I assume this is referring to 'improving.duckduckgo.com'.
I don't know what it's for, but I've noticed it too. Disabled by my default uMatrix rules, (more generally by virtue of being third-party) and I never have to enable it for a working site.
This is a sample of what I see some of the time [1] similar to what you said.
I've also seen it more than this too at other times. Always from following DDG links onto destinations like this, but at other times what looks more like a google tracker.
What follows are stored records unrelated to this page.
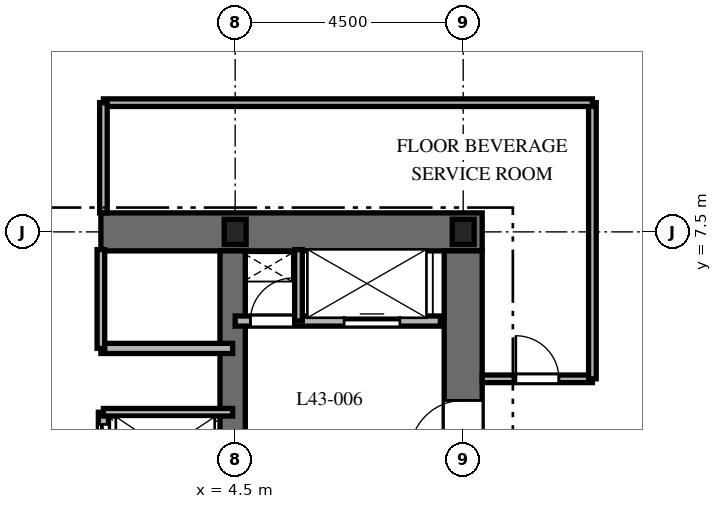
"""IFC4 building model, lengths in metres.
Left out: names, types, materials, properties, quantities, classifications, styles, units other than length and angle.
Written with IfcOpenShell. Run it as: python <this file> out.ifc"""

import sys

from ifc_helpers import new_model, si_unit, direction, frame, frame_2d, origin, origin_2d, place, context, subcontext, project, spatial, rectangle, i_section, extrude, element, fill, save


model = new_model("IFC4")
c1 = context("Model", 3, precision=1e-05, world=origin(), true_north=direction((0.0, 1.0)))
c2 = subcontext(c1, "Body", "Model", "MODEL_VIEW")
j1 = project(units=[si_unit("LENGTHUNIT", "METRE"), si_unit("PLANEANGLEUNIT", "RADIAN")], contexts=[c1])
p1 = place(None, origin())
s1 = spatial("IfcSite", under=j1, at=p1, CompositionType="ELEMENT")
p2 = place(p1, origin())
s2 = spatial("IfcBuilding", under=s1, at=p2, CompositionType="ELEMENT")
p3 = place(p2, frame((0.0, 0.0, 175.6)))
s3 = spatial("IfcBuildingStorey", under=s2, at=p3, CompositionType="ELEMENT", Elevation=175.6)
p4 = place(p3, frame((1.85, 7.5, 0.0), z_axis=(0.0, 0.0, 1.0), x_axis=(1.0, 0.0, 0.0)))
e1 = element("IfcWall", 1, at=p4, inside=s3, PredefinedType="SHEAR", context=c2, shape_type="SweptSolid", body=[
    extrude(rectangle(XDim=7.525, YDim=0.75, at=frame_2d((3.762, 0.0))), origin(), (0.0, 0.0, 1.0), 3.7),
])
p5 = place(p3, frame((9.0, -7.125, 0.0), z_axis=(0.0, 0.0, 1.0), x_axis=(0.0, 1.0, 0.0)))
e2 = element("IfcWall", 2, at=p5, inside=s3, PredefinedType="SHEAR", context=c2, shape_type="SweptSolid", body=[
    extrude(rectangle(XDim=14.25, YDim=0.75, at=frame_2d((7.125, 0.0))), origin(), (0.0, 0.0, 1.0), 3.7),
])
p6 = place(p5, frame((10.25, 0.0, 0.0)))
e3 = element("IfcOpeningElement", 3, at=p6, cuts=e2, PredefinedType="OPENING", context=c2, shape_type="SweptSolid", body=[
    extrude(rectangle(XDim=1.05, YDim=2.15, at=frame_2d((0.525, 1.075))), frame((0.0, 0.385, 0.0), z_axis=(0.0, -1.0, 0.0), x_axis=(1.0, 0.0, 0.0)), (0.0, 0.0, 1.0), 0.77),
])
p7 = place(p3, frame((4.45, 2.25, 0.0), z_axis=(0.0, 0.0, 1.0), x_axis=(0.0, 1.0, 0.0)))
e4 = element("IfcWall", 4, at=p7, inside=s3, PredefinedType="SHEAR", context=c2, shape_type="SweptSolid", body=[
    extrude(rectangle(XDim=4.875, YDim=0.5, at=frame_2d((2.438, 0.0))), origin(), (0.0, 0.0, 1.0), 3.7),
])
for number, where, z_axis, x_axis in (
    (5, (9.0, 7.5, 0.0), (0.0, 0.0, 1.0), (1.0, 0.0, 0.0)),
    (6, (4.5, 7.5, 0.0), (0.0, 0.0, 1.0), (1.0, 0.0, 0.0)),
):
    element("IfcColumn", number, at=place(p3, frame(where, z_axis=z_axis, x_axis=x_axis)), inside=s3, PredefinedType="COLUMN", context=c2, shape_type="SweptSolid", body=[
        extrude(i_section(OverallWidth=0.432, OverallDepth=0.498, WebThickness=0.056, FlangeThickness=0.089, at=origin_2d()), origin(), (0.0, 0.0, 1.0), 3.7),
    ])
p8 = place(p3, frame((4.5, 5.74, 0.0), z_axis=(0.0, 0.0, 1.0), x_axis=(1.0, 0.0, 0.0)))
e7 = element("IfcWall", 7, at=p8, inside=s3, PredefinedType="PARTITIONING", context=c2, shape_type="SweptSolid", body=[
    extrude(rectangle(XDim=4.05, YDim=0.2, at=frame_2d((2.025, 0.0))), origin(), (0.0, 0.0, 1.0), 3.4),
])
p9 = place(p8, frame((0.3, 0.0, 0.0)))
e8 = element("IfcOpeningElement", 8, at=p9, cuts=e7, PredefinedType="OPENING", context=c2, shape_type="SweptSolid", body=[
    extrude(rectangle(XDim=0.85, YDim=2.03, at=frame_2d((0.425, 1.015))), frame((0.0, 0.11, 0.0), z_axis=(0.0, -1.0, 0.0), x_axis=(1.0, 0.0, 0.0)), (0.0, 0.0, 1.0), 0.22),
])
p10 = place(p8, frame((2.15, 0.0, 0.0)))
e9 = element("IfcOpeningElement", 9, at=p10, cuts=e7, PredefinedType="OPENING", context=c2, shape_type="SweptSolid", body=[
    extrude(rectangle(XDim=1.1, YDim=2.2, at=frame_2d((0.55, 1.1))), frame((0.0, 0.11, 0.0), z_axis=(0.0, -1.0, 0.0), x_axis=(1.0, 0.0, 0.0)), (0.0, 0.0, 1.0), 0.22),
])
p11 = place(p3, frame((5.75, 5.74, 0.0), z_axis=(0.0, 0.0, 1.0), x_axis=(0.0, 1.0, 0.0)))
e10 = element("IfcWall", 10, at=p11, inside=s3, PredefinedType="PARTITIONING", context=c2, shape_type="SweptSolid", body=[
    extrude(rectangle(XDim=1.41, YDim=0.15, at=frame_2d((0.705, 0.0))), origin(), (0.0, 0.0, 1.0), 3.4),
])
p12 = place(p3, frame((1.85, 5.2, 0.0), z_axis=(0.0, 0.0, 1.0), x_axis=(1.0, 0.0, 0.0)))
e11 = element("IfcWall", 11, at=p12, inside=s3, PredefinedType="PARTITIONING", context=c2, shape_type="SweptSolid", body=[
    extrude(rectangle(XDim=2.6, YDim=0.2, at=frame_2d((1.3, 0.0))), origin(), (0.0, 0.0, 1.0), 3.4),
])
p13 = place(p3, frame((1.85, 5.2, 0.0), z_axis=(0.0, 0.0, 1.0), x_axis=(0.0, 1.0, 0.0)))
e12 = element("IfcWall", 12, at=p13, inside=s3, PredefinedType="PARTITIONING", context=c2, shape_type="SweptSolid", body=[
    extrude(rectangle(XDim=1.95, YDim=0.15, at=frame_2d((0.975, 0.0))), origin(), (0.0, 0.0, 1.0), 3.4),
])
p14 = place(p3, frame((1.9, -0.5, 0.0), z_axis=(0.0, 0.0, 1.0), x_axis=(0.0, 1.0, 0.0)))
e13 = element("IfcWall", 13, at=p14, inside=s3, PredefinedType="PARTITIONING", context=c2, shape_type="SweptSolid", body=[
    extrude(rectangle(XDim=4.44, YDim=0.2, at=frame_2d((2.22, 0.0))), origin(), (0.0, 0.0, 1.0), 3.4),
])
p15 = place(p14, frame((0.24, 0.0, 0.0)))
e14 = element("IfcOpeningElement", 14, at=p15, cuts=e13, PredefinedType="OPENING", context=c2, shape_type="SweptSolid", body=[
    extrude(rectangle(XDim=1.0, YDim=2.2, at=frame_2d((0.5, 1.1))), frame((0.0, 0.11, 0.0), z_axis=(0.0, -1.0, 0.0), x_axis=(1.0, 0.0, 0.0)), (0.0, 0.0, 1.0), 0.22),
])
p16 = place(p14, frame((1.72, 0.0, 0.0)))
e15 = element("IfcOpeningElement", 15, at=p16, cuts=e13, PredefinedType="OPENING", context=c2, shape_type="SweptSolid", body=[
    extrude(rectangle(XDim=1.0, YDim=2.2, at=frame_2d((0.5, 1.1))), frame((0.0, 0.11, 0.0), z_axis=(0.0, -1.0, 0.0), x_axis=(1.0, 0.0, 0.0)), (0.0, 0.0, 1.0), 0.22),
])
p17 = place(p14, frame((3.2, 0.0, 0.0)))
e16 = element("IfcOpeningElement", 16, at=p17, cuts=e13, PredefinedType="OPENING", context=c2, shape_type="SweptSolid", body=[
    extrude(rectangle(XDim=1.0, YDim=2.2, at=frame_2d((0.5, 1.1))), frame((0.0, 0.11, 0.0), z_axis=(0.0, -1.0, 0.0), x_axis=(1.0, 0.0, 0.0)), (0.0, 0.0, 1.0), 0.22),
])
p18 = place(p3, frame((1.9, 3.94, 0.0), z_axis=(0.0, 0.0, 1.0), x_axis=(1.0, 0.0, 0.0)))
e17 = element("IfcWall", 17, at=p18, inside=s3, PredefinedType="PARTITIONING", context=c2, shape_type="SweptSolid", body=[
    extrude(rectangle(XDim=2.55, YDim=0.15, at=frame_2d((1.275, 0.0))), origin(), (0.0, 0.0, 1.0), 3.4),
])
p19 = place(p3, frame((9.375, 4.6, 0.0), z_axis=(0.0, 0.0, 1.0), x_axis=(1.0, 0.0, 0.0)))
e18 = element("IfcWall", 18, at=p19, inside=s3, PredefinedType="PARTITIONING", context=c2, shape_type="SweptSolid", body=[
    extrude(rectangle(XDim=2.175, YDim=0.15, at=frame_2d((1.087, 0.0))), origin(), (0.0, 0.0, 1.0), 3.4),
])
p20 = place(p19, frame((0.663, 0.0, 0.0)))
e19 = element("IfcOpeningElement", 19, at=p20, cuts=e18, PredefinedType="OPENING", context=c2, shape_type="SweptSolid", body=[
    extrude(rectangle(XDim=0.85, YDim=2.03, at=frame_2d((0.425, 1.015))), frame((0.0, 0.085, 0.0), z_axis=(0.0, -1.0, 0.0), x_axis=(1.0, 0.0, 0.0)), (0.0, 0.0, 1.0), 0.17),
])
p21 = place(p3, frame((11.55, 4.6, 0.0), z_axis=(0.0, 0.0, 1.0), x_axis=(0.0, 1.0, 0.0)))
e20 = element("IfcWall", 20, at=p21, inside=s3, PredefinedType="PARTITIONING", context=c2, shape_type="SweptSolid", body=[
    extrude(rectangle(XDim=5.45, YDim=0.15, at=frame_2d((2.725, 0.0))), origin(), (0.0, 0.0, 1.0), 2.84),
])
p22 = place(p3, frame((11.55, 10.05, 0.0), z_axis=(0.0, 0.0, 1.0), x_axis=(-1.0, 0.0, 0.0)))
e21 = element("IfcWall", 21, at=p22, inside=s3, PredefinedType="PARTITIONING", context=c2, shape_type="SweptSolid", body=[
    extrude(rectangle(XDim=9.65, YDim=0.15, at=frame_2d((4.825, 0.0))), origin(), (0.0, 0.0, 1.0), 2.84),
])
p23 = place(p3, frame((1.9, 10.05, 0.0), z_axis=(0.0, 0.0, 1.0), x_axis=(0.0, -1.0, 0.0)))
e22 = element("IfcWall", 22, at=p23, inside=s3, PredefinedType="PARTITIONING", context=c2, shape_type="SweptSolid", body=[
    extrude(rectangle(XDim=2.175, YDim=0.15, at=frame_2d((1.087, 0.0))), origin(), (0.0, 0.0, 1.0), 3.4),
])
p24 = place(p6, origin())
e23 = element("IfcDoor", 23, at=p24, inside=s3, OperationType="SINGLE_SWING_LEFT", PredefinedType="DOOR", context=c2, shape_type="SweptSolid", body=[
    extrude(rectangle(XDim=1.05, YDim=2.15, at=frame_2d((0.525, 1.075))), frame((0.0, 0.025, 0.0), z_axis=(0.0, -1.0, 0.0), x_axis=(1.0, 0.0, 0.0)), (0.0, 0.0, 1.0), 0.05),
])
fill(e3, e23)
p25 = place(p9, origin())
e24 = element("IfcDoor", 24, at=p25, inside=s3, OperationType="SINGLE_SWING_RIGHT", PredefinedType="DOOR", context=c2, shape_type="SweptSolid", body=[
    extrude(rectangle(XDim=0.85, YDim=2.03, at=frame_2d((0.425, 1.015))), frame((0.0, 0.025, 0.0), z_axis=(0.0, -1.0, 0.0), x_axis=(1.0, 0.0, 0.0)), (0.0, 0.0, 1.0), 0.05),
])
fill(e8, e24)
p26 = place(p10, origin())
e25 = element("IfcDoor", 25, at=p26, inside=s3, OperationType="SLIDING_TO_RIGHT", PredefinedType="DOOR", context=c2, shape_type="SweptSolid", body=[
    extrude(rectangle(XDim=1.1, YDim=2.2, at=frame_2d((0.55, 1.1))), frame((0.0, 0.025, 0.0), z_axis=(0.0, -1.0, 0.0), x_axis=(1.0, 0.0, 0.0)), (0.0, 0.0, 1.0), 0.05),
])
fill(e9, e25)
p27 = place(p17, origin())
e26 = element("IfcDoor", 26, at=p27, inside=s3, OperationType="SLIDING_TO_RIGHT", PredefinedType="DOOR", context=c2, shape_type="SweptSolid", body=[
    extrude(rectangle(XDim=1.0, YDim=2.2, at=frame_2d((0.5, 1.1))), frame((0.0, 0.025, 0.0), z_axis=(0.0, -1.0, 0.0), x_axis=(1.0, 0.0, 0.0)), (0.0, 0.0, 1.0), 0.05),
])
fill(e16, e26)
p28 = place(p20, origin())
e27 = element("IfcDoor", 27, at=p28, inside=s3, OperationType="SINGLE_SWING_LEFT", PredefinedType="DOOR", context=c2, shape_type="SweptSolid", body=[
    extrude(rectangle(XDim=0.85, YDim=2.03, at=frame_2d((0.425, 1.015))), frame((0.0, 0.025, 0.0), z_axis=(0.0, -1.0, 0.0), x_axis=(1.0, 0.0, 0.0)), (0.0, 0.0, 1.0), 0.05),
])
fill(e19, e27)
save(model, sys.argv[1])

These anonymous requests actually fire from the search engine and are not related to or embedded in other websites at all, so I suspect the tool you are using is erroneously attributing them. People commented about that in the above threads, e.g., https://news.ycombinator.com/item?id=30742751
I'm not very familiar with umatrix though none others come to mind, and in any case all requests to duckduckgo.com domains are anonymous by design since (as that article notes in more detail) we have our web servers and related applications set up to not log any IP addresses or other unique identifiers with requests. If you want to DM me on Twitter though I can look into it more.
I just looked at umatrix, and yes, those look like completely anonymous requests to improving.duckduckgo.com that are being erroneously attributed to originating from that page when in fact they originated from the anonymous search results.
So what's the implication, that DDG is deceiving its users through tracking scripts? Wouldn't this also require buy-in from individual websites to include the DDG script?
Any amount of details would be useful to evaluate your claim.
I asked about qwant once and Europeans chimed in with the opinion that its results suck. Ddg isn't a terrible browser or engine, less shady than brave IMO.